The bits I didn't get in the GK codex, was stuff like "May replace both pistol and/or chainsword with:" it then proceeds to give a list of items. The thing is, if you read earlier in the book the and/or means you can replace either, neither or both. So, if I read the rules as written, that means I should be able to give an Ordo Inquisitor a Power Sword + Power Fist. But I know that isn't true. I also read in the GK FAQ you can give TWO Daemonblades to an Inquisitor, they just roll for the bonuses and then chooses which one to use. Even tho it's a 2h handed weapon, you can replace both bolt pistol + chainsword just to get access to two Daemonblades. That's pretty cool as it allows me to ive an Inquisitor a HellRifle and a Daemonblade <3

The GK codex and army intimidates me, I prob have a mental problem, but I like order and round numbers in my armies.
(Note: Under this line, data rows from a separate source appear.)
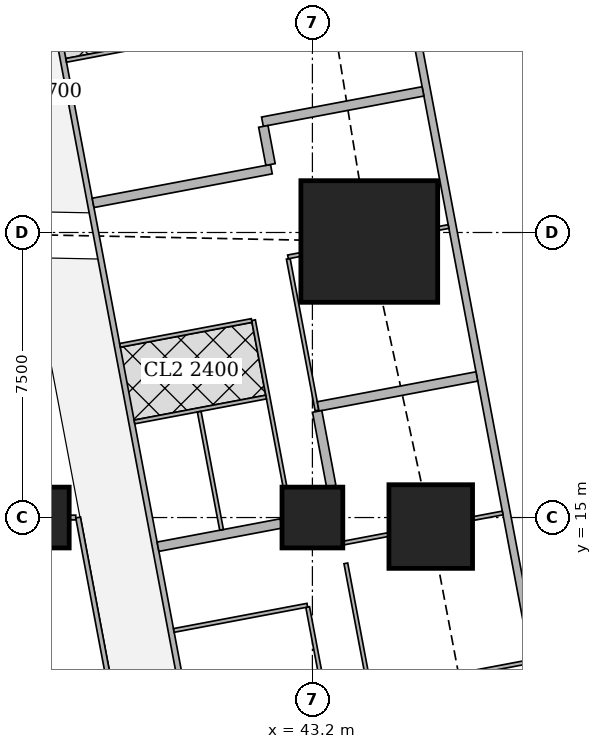
"""IFC4 building model, lengths in metres.
Left out: names, types, materials, properties, quantities, classifications, styles, units other than length and angle.
Written with IfcOpenShell. Run it as: python <this file> out.ifc"""

import sys

from ifc_helpers import new_model, si_unit, direction, frame, frame_2d, origin, origin_2d, place, context, subcontext, project, spatial, rectangle, extrude, element, fill, save


model = new_model("IFC4")
c1 = context("Model", 3, precision=1e-05, world=origin(), true_north=direction((0.0, 1.0)))
c2 = subcontext(c1, "Body", "Model", "MODEL_VIEW")
j1 = project(units=[si_unit("LENGTHUNIT", "METRE"), si_unit("PLANEANGLEUNIT", "RADIAN")], contexts=[c1])
p1 = place(None, origin())
s1 = spatial("IfcSite", under=j1, at=p1, CompositionType="ELEMENT")
p2 = place(p1, origin())
s2 = spatial("IfcBuilding", under=s1, at=p2, CompositionType="ELEMENT")
p3 = place(p2, frame((0.0, 0.0, 111.65)))
s3 = spatial("IfcBuildingStorey", under=s2, at=p3, CompositionType="ELEMENT", Elevation=111.65)
for number, where, z_axis, x_axis in (
    (1, (36.0, 15.0, 0.0), (0.0, 0.0, 1.0), (1.0, 0.0, 0.0)),
    (2, (43.2, 15.0, 0.0), (0.0, 0.0, 1.0), (1.0, 0.0, 0.0)),
):
    element("IfcColumn", number, at=place(p3, frame(where, z_axis=z_axis, x_axis=x_axis)), inside=s3, PredefinedType="COLUMN", context=c2, shape_type="SweptSolid", body=[
        extrude(rectangle(XDim=1.6, YDim=1.6, at=origin_2d()), origin(), (0.0, 0.0, 1.0), 3.75),
    ])
p4 = place(p3, frame((46.314, 14.763, 0.0), z_axis=(0.0, 0.0, 1.0), x_axis=(1.0, 0.0, 0.0)))
e3 = element("IfcColumn", 3, at=p4, inside=s3, PredefinedType="COLUMN", context=c2, shape_type="SweptSolid", body=[
    extrude(rectangle(XDim=2.2, YDim=2.2, at=origin_2d()), origin(), (0.0, 0.0, 1.0), 3.75),
])
p5 = place(p3, frame((44.697, 22.263, 0.0), z_axis=(0.0, 0.0, 1.0), x_axis=(1.0, 0.0, 0.0)))
e4 = element("IfcColumn", 4, at=p5, inside=s3, PredefinedType="COLUMN", context=c2, shape_type="SweptSolid", body=[
    extrude(rectangle(XDim=3.6, YDim=3.2, at=origin_2d()), origin(), (0.0, 0.0, 1.0), 3.75),
])
p6 = place(p3, frame((50.653, 2.703, 0.0), z_axis=(0.0, 0.0, 1.0), x_axis=(-0.185612026696, 0.982623109613, 0.0)))
e5 = element("IfcWall", 5, at=p6, inside=s3, PredefinedType="SOLIDWALL", context=c2, shape_type="SweptSolid", body=[
    extrude(rectangle(XDim=41.393, YDim=0.2, at=frame_2d((20.697, 0.0))), origin(), (0.0, 0.0, 1.0), 3.5),
])
p7 = place(p6, frame((1.633, 0.0, 0.9)))
e6 = element("IfcOpeningElement", 6, at=p7, cuts=e5, PredefinedType="OPENING", context=c2, shape_type="SweptSolid", body=[
    extrude(rectangle(XDim=1.8, YDim=1.5, at=frame_2d((0.9, 0.75))), frame((0.0, 0.11, 0.0), z_axis=(0.0, -1.0, 0.0), x_axis=(1.0, 0.0, 0.0)), (0.0, 0.0, 1.0), 0.22),
])
p8 = place(p6, frame((6.032, 0.0, 0.9)))
e7 = element("IfcOpeningElement", 7, at=p8, cuts=e5, PredefinedType="OPENING", context=c2, shape_type="SweptSolid", body=[
    extrude(rectangle(XDim=1.8, YDim=1.5, at=frame_2d((0.9, 0.75))), frame((0.0, 0.11, 0.0), z_axis=(0.0, -1.0, 0.0), x_axis=(1.0, 0.0, 0.0)), (0.0, 0.0, 1.0), 0.22),
])
p9 = place(p6, frame((9.848, 0.0, 0.9)))
e8 = element("IfcOpeningElement", 8, at=p9, cuts=e5, PredefinedType="OPENING", context=c2, shape_type="SweptSolid", body=[
    extrude(rectangle(XDim=1.8, YDim=1.5, at=frame_2d((0.9, 0.75))), frame((0.0, 0.11, 0.0), z_axis=(0.0, -1.0, 0.0), x_axis=(1.0, 0.0, 0.0)), (0.0, 0.0, 1.0), 0.22),
])
p10 = place(p6, frame((13.664, 0.0, 0.9)))
e9 = element("IfcOpeningElement", 9, at=p10, cuts=e5, PredefinedType="OPENING", context=c2, shape_type="SweptSolid", body=[
    extrude(rectangle(XDim=1.8, YDim=1.5, at=frame_2d((0.9, 0.75))), frame((0.0, 0.11, 0.0), z_axis=(0.0, -1.0, 0.0), x_axis=(1.0, 0.0, 0.0)), (0.0, 0.0, 1.0), 0.22),
])
p11 = place(p6, frame((17.481, 0.0, 0.9)))
e10 = element("IfcOpeningElement", 10, at=p11, cuts=e5, PredefinedType="OPENING", context=c2, shape_type="SweptSolid", body=[
    extrude(rectangle(XDim=1.8, YDim=1.5, at=frame_2d((0.9, 0.75))), frame((0.0, 0.11, 0.0), z_axis=(0.0, -1.0, 0.0), x_axis=(1.0, 0.0, 0.0)), (0.0, 0.0, 1.0), 0.22),
])
p12 = place(p6, frame((21.297, 0.0, 0.9)))
e11 = element("IfcOpeningElement", 11, at=p12, cuts=e5, PredefinedType="OPENING", context=c2, shape_type="SweptSolid", body=[
    extrude(rectangle(XDim=1.8, YDim=1.5, at=frame_2d((0.9, 0.75))), frame((0.0, 0.11, 0.0), z_axis=(0.0, -1.0, 0.0), x_axis=(1.0, 0.0, 0.0)), (0.0, 0.0, 1.0), 0.22),
])
p13 = place(p6, frame((25.113, 0.0, 0.9)))
e12 = element("IfcOpeningElement", 12, at=p13, cuts=e5, PredefinedType="OPENING", context=c2, shape_type="SweptSolid", body=[
    extrude(rectangle(XDim=1.8, YDim=1.5, at=frame_2d((0.9, 0.75))), frame((0.0, 0.11, 0.0), z_axis=(0.0, -1.0, 0.0), x_axis=(1.0, 0.0, 0.0)), (0.0, 0.0, 1.0), 0.22),
])
p14 = place(p6, frame((28.93, 0.0, 0.9)))
e13 = element("IfcOpeningElement", 13, at=p14, cuts=e5, PredefinedType="OPENING", context=c2, shape_type="SweptSolid", body=[
    extrude(rectangle(XDim=1.8, YDim=1.5, at=frame_2d((0.9, 0.75))), frame((0.0, 0.11, 0.0), z_axis=(0.0, -1.0, 0.0), x_axis=(1.0, 0.0, 0.0)), (0.0, 0.0, 1.0), 0.22),
])
p15 = place(p6, frame((32.746, 0.0, 0.9)))
e14 = element("IfcOpeningElement", 14, at=p15, cuts=e5, PredefinedType="OPENING", context=c2, shape_type="SweptSolid", body=[
    extrude(rectangle(XDim=1.8, YDim=1.5, at=frame_2d((0.9, 0.75))), frame((0.0, 0.11, 0.0), z_axis=(0.0, -1.0, 0.0), x_axis=(1.0, 0.0, 0.0)), (0.0, 0.0, 1.0), 0.22),
])
p16 = place(p6, frame((36.481, 0.0, 0.9)))
e15 = element("IfcOpeningElement", 15, at=p16, cuts=e5, PredefinedType="OPENING", context=c2, shape_type="SweptSolid", body=[
    extrude(rectangle(XDim=1.8, YDim=1.5, at=frame_2d((0.9, 0.75))), frame((0.0, 0.11, 0.0), z_axis=(0.0, -1.0, 0.0), x_axis=(1.0, 0.0, 0.0)), (0.0, 0.0, 1.0), 0.22),
])
p17 = place(p3, frame((33.127, 45.65, 0.0), z_axis=(0.0, 0.0, 1.0), x_axis=(0.185598547723, -0.98262565562, 0.0)))
e16 = element("IfcWall", 16, at=p17, inside=s3, PredefinedType="SOLIDWALL", context=c2, shape_type="SweptSolid", body=[
    extrude(rectangle(XDim=47.118, YDim=0.15, at=frame_2d((23.559, 0.0))), origin(), (0.0, 0.0, 1.0), 2.2),
])
p18 = place(p17, frame((20.373, 0.0, 0.0)))
e17 = element("IfcOpeningElement", 17, at=p18, cuts=e16, PredefinedType="OPENING", context=c2, shape_type="SweptSolid", body=[
    extrude(rectangle(XDim=1.0, YDim=2.1, at=frame_2d((0.5, 1.05))), frame((0.0, 0.085, 0.0), z_axis=(0.0, -1.0, 0.0), x_axis=(1.0, 0.0, 0.0)), (0.0, 0.0, 1.0), 0.17),
])
p19 = place(p17, frame((24.188, 0.0, 0.0)))
e18 = element("IfcOpeningElement", 18, at=p19, cuts=e16, PredefinedType="OPENING", context=c2, shape_type="SweptSolid", body=[
    extrude(rectangle(XDim=1.0, YDim=2.1, at=frame_2d((0.5, 1.05))), frame((0.0, 0.085, 0.0), z_axis=(0.0, -1.0, 0.0), x_axis=(1.0, 0.0, 0.0)), (0.0, 0.0, 1.0), 0.17),
])
p20 = place(p17, frame((32.608, 0.0, 0.0)))
e19 = element("IfcOpeningElement", 19, at=p20, cuts=e16, PredefinedType="OPENING", context=c2, shape_type="SweptSolid", body=[
    extrude(rectangle(XDim=1.0, YDim=2.1, at=frame_2d((0.5, 1.05))), frame((0.0, 0.085, 0.0), z_axis=(0.0, -1.0, 0.0), x_axis=(1.0, 0.0, 0.0)), (0.0, 0.0, 1.0), 0.17),
])
p21 = place(p3, frame((40.233, 27.693, 0.0), z_axis=(0.0, 0.0, 1.0), x_axis=(-0.982598214409, -0.185743772548, 0.0)))
e20 = element("IfcWall", 20, at=p21, inside=s3, PredefinedType="PARTITIONING", context=c2, shape_type="SweptSolid", body=[
    extrude(rectangle(XDim=3.575, YDim=0.1, at=frame_2d((1.788, 0.0))), origin(), (0.0, 0.0, 1.0), 3.5),
])
p22 = place(p3, frame((42.565, 21.809, 0.0), z_axis=(0.0, 0.0, 1.0), x_axis=(0.185910488551, -0.982566684885, 0.0)))
e21 = element("IfcWall", 21, at=p22, inside=s3, PredefinedType="PARTITIONING", context=c2, shape_type="SweptSolid", body=[
    extrude(rectangle(XDim=4.062, YDim=0.1, at=frame_2d((2.031, 0.0))), origin(), (0.0, 0.0, 1.0), 2.5),
])
p23 = place(p22, frame((1.618, 0.0, 0.0)))
e22 = element("IfcOpeningElement", 22, at=p23, cuts=e21, PredefinedType="OPENING", context=c2, shape_type="SweptSolid", body=[
    extrude(rectangle(XDim=0.9, YDim=2.1, at=frame_2d((0.45, 1.05))), frame((0.0, 0.06, 0.0), z_axis=(0.0, -1.0, 0.0), x_axis=(1.0, 0.0, 0.0)), (0.0, 0.0, 1.0), 0.12),
])
p24 = place(p3, frame((41.65, 20.193, 0.0), z_axis=(0.0, 0.0, 1.0), x_axis=(0.18565316258, -0.982615338382, 0.0)))
e23 = element("IfcWall", 23, at=p24, inside=s3, PredefinedType="PARTITIONING", context=c2, shape_type="SweptSolid", body=[
    extrude(rectangle(XDim=4.461, YDim=0.1, at=frame_2d((2.23, 0.0))), origin(), (0.0, 0.0, 1.0), 3.5),
])
p25 = place(p24, frame((0.575, 0.0, 0.0)))
e24 = element("IfcOpeningElement", 24, at=p25, cuts=e23, PredefinedType="OPENING", context=c2, shape_type="SweptSolid", body=[
    extrude(rectangle(XDim=0.9, YDim=2.1, at=frame_2d((0.45, 1.05))), frame((0.0, 0.06, 0.0), z_axis=(0.0, -1.0, 0.0), x_axis=(1.0, 0.0, 0.0)), (0.0, 0.0, 1.0), 0.12),
])
p26 = place(p24, frame((3.271, 0.0, 0.0)))
e25 = element("IfcOpeningElement", 25, at=p26, cuts=e23, PredefinedType="OPENING", context=c2, shape_type="SweptSolid", body=[
    extrude(rectangle(XDim=0.9, YDim=2.1, at=frame_2d((0.45, 1.05))), frame((0.0, 0.06, 0.0), z_axis=(0.0, -1.0, 0.0), x_axis=(1.0, 0.0, 0.0)), (0.0, 0.0, 1.0), 0.12),
])
p27 = place(p3, frame((46.782, 22.657, 0.0), z_axis=(0.0, 0.0, 1.0), x_axis=(-0.982574553168, -0.185868898601, 0.0)))
e26 = element("IfcWall", 26, at=p27, inside=s3, PredefinedType="PARTITIONING", context=c2, shape_type="SweptSolid", body=[
    extrude(rectangle(XDim=0.28, YDim=0.1, at=frame_2d((0.14, 0.0))), origin(), (0.0, 0.0, 1.0), 3.5),
])
p28 = place(p3, frame((42.887, 21.921, 0.0), z_axis=(0.0, 0.0, 1.0), x_axis=(-0.982274918032, -0.187445953293, 0.0)))
e27 = element("IfcWall", 27, at=p28, inside=s3, PredefinedType="PARTITIONING", context=c2, shape_type="SweptSolid", body=[
    extrude(rectangle(XDim=0.336, YDim=0.1, at=frame_2d((0.168, 0.0))), origin(), (0.0, 0.0, 1.0), 2.5),
])
p29 = place(p3, frame((41.601, 20.184, 0.0), z_axis=(0.0, 0.0, 1.0), x_axis=(-0.982638553676, -0.185530247748, 0.0)))
e28 = element("IfcWall", 28, at=p29, inside=s3, PredefinedType="PARTITIONING", context=c2, shape_type="SweptSolid", body=[
    extrude(rectangle(XDim=3.525, YDim=0.1, at=frame_2d((1.763, 0.0))), origin(), (0.0, 0.0, 1.0), 3.5),
])
p30 = place(p3, frame((41.981, 18.17, 0.0), z_axis=(0.0, 0.0, 1.0), x_axis=(-0.982585626838, -0.185810349366, 0.0)))
e29 = element("IfcWall", 29, at=p30, inside=s3, PredefinedType="PARTITIONING", context=c2, shape_type="SweptSolid", body=[
    extrude(rectangle(XDim=3.525, YDim=0.1, at=frame_2d((1.763, 0.0))), origin(), (0.0, 0.0, 1.0), 3.5),
])
p31 = place(p3, frame((46.11, 26.213, 0.0), z_axis=(0.0, 0.0, 1.0), x_axis=(-0.982633535512, -0.185556823879, 0.0)))
e30 = element("IfcWall", 30, at=p31, inside=s3, PredefinedType="SOLIDWALL", context=c2, shape_type="SweptSolid", body=[
    extrude(rectangle(XDim=4.3, YDim=0.25, at=frame_2d((2.15, 0.0))), origin(), (0.0, 0.0, 1.0), 2.2),
])
p32 = place(p3, frame((42.121, 24.166, 0.0), z_axis=(0.0, 0.0, 1.0), x_axis=(-0.98259850169, -0.185742252804, 0.0)))
e31 = element("IfcWall", 31, at=p32, inside=s3, PredefinedType="SOLIDWALL", context=c2, shape_type="SweptSolid", body=[
    extrude(rectangle(XDim=4.775, YDim=0.25, at=frame_2d((2.388, 0.0))), origin(), (0.0, 0.0, 1.0), 3.5),
])
p33 = place(p3, frame((41.908, 25.292, 0.0), z_axis=(0.0, 0.0, 1.0), x_axis=(0.18607888991, -0.982534806879, 0.0)))
e32 = element("IfcWall", 32, at=p33, inside=s3, PredefinedType="SOLIDWALL", context=c2, shape_type="SweptSolid", body=[
    extrude(rectangle(XDim=1.021, YDim=0.25, at=frame_2d((0.51, 0.0))), origin(), (0.0, 0.0, 1.0), 3.5),
])
p34 = place(p3, frame((44.08, 13.794, 0.0), z_axis=(0.0, 0.0, 1.0), x_axis=(0.185608455357, -0.982623784212, 0.0)))
e33 = element("IfcWall", 33, at=p34, inside=s3, PredefinedType="PARTITIONING", context=c2, shape_type="SweptSolid", body=[
    extrude(rectangle(XDim=10.909, YDim=0.1, at=frame_2d((5.455, 0.0))), origin(), (0.0, 0.0, 1.0), 3.5),
])
p35 = place(p34, frame((1.094, 0.0, 0.0)))
e34 = element("IfcOpeningElement", 34, at=p35, cuts=e33, PredefinedType="OPENING", context=c2, shape_type="SweptSolid", body=[
    extrude(rectangle(XDim=0.9, YDim=2.1, at=frame_2d((0.45, 1.05))), frame((0.0, 0.06, 0.0), z_axis=(0.0, -1.0, 0.0), x_axis=(1.0, 0.0, 0.0)), (0.0, 0.0, 1.0), 0.12),
])
p36 = place(p34, frame((3.639, 0.0, 0.0)))
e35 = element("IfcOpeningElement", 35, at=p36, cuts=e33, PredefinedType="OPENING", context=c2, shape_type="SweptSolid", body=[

The fact you can mix and match weapons makes it very hard to build a force. Do you give x5 Terminators (let's just say) Nemisis Halberds and leave the other 5 Terminators with Swords, or do you give x2 Halberds, x3 Daemon Hammers, x2 Falchions, x1 Ward Stave x1 Pyscannon and so on. I don't kniw what the best mix is, and I like he ability to roll lots of dice at once, rather than rolling off for each seperate weapon type.


----------



## Tim/Steve (Jan 25, 2009)

Pretty much the same for SM everywhere... and I think it likely you can give an Inquisitor a power weapon and a powerfist (not checking the entry): there are a lot of people who can take both... its just pretty pointless.

GK have lots of options, necrons have almost none... there's an army for everyone


----------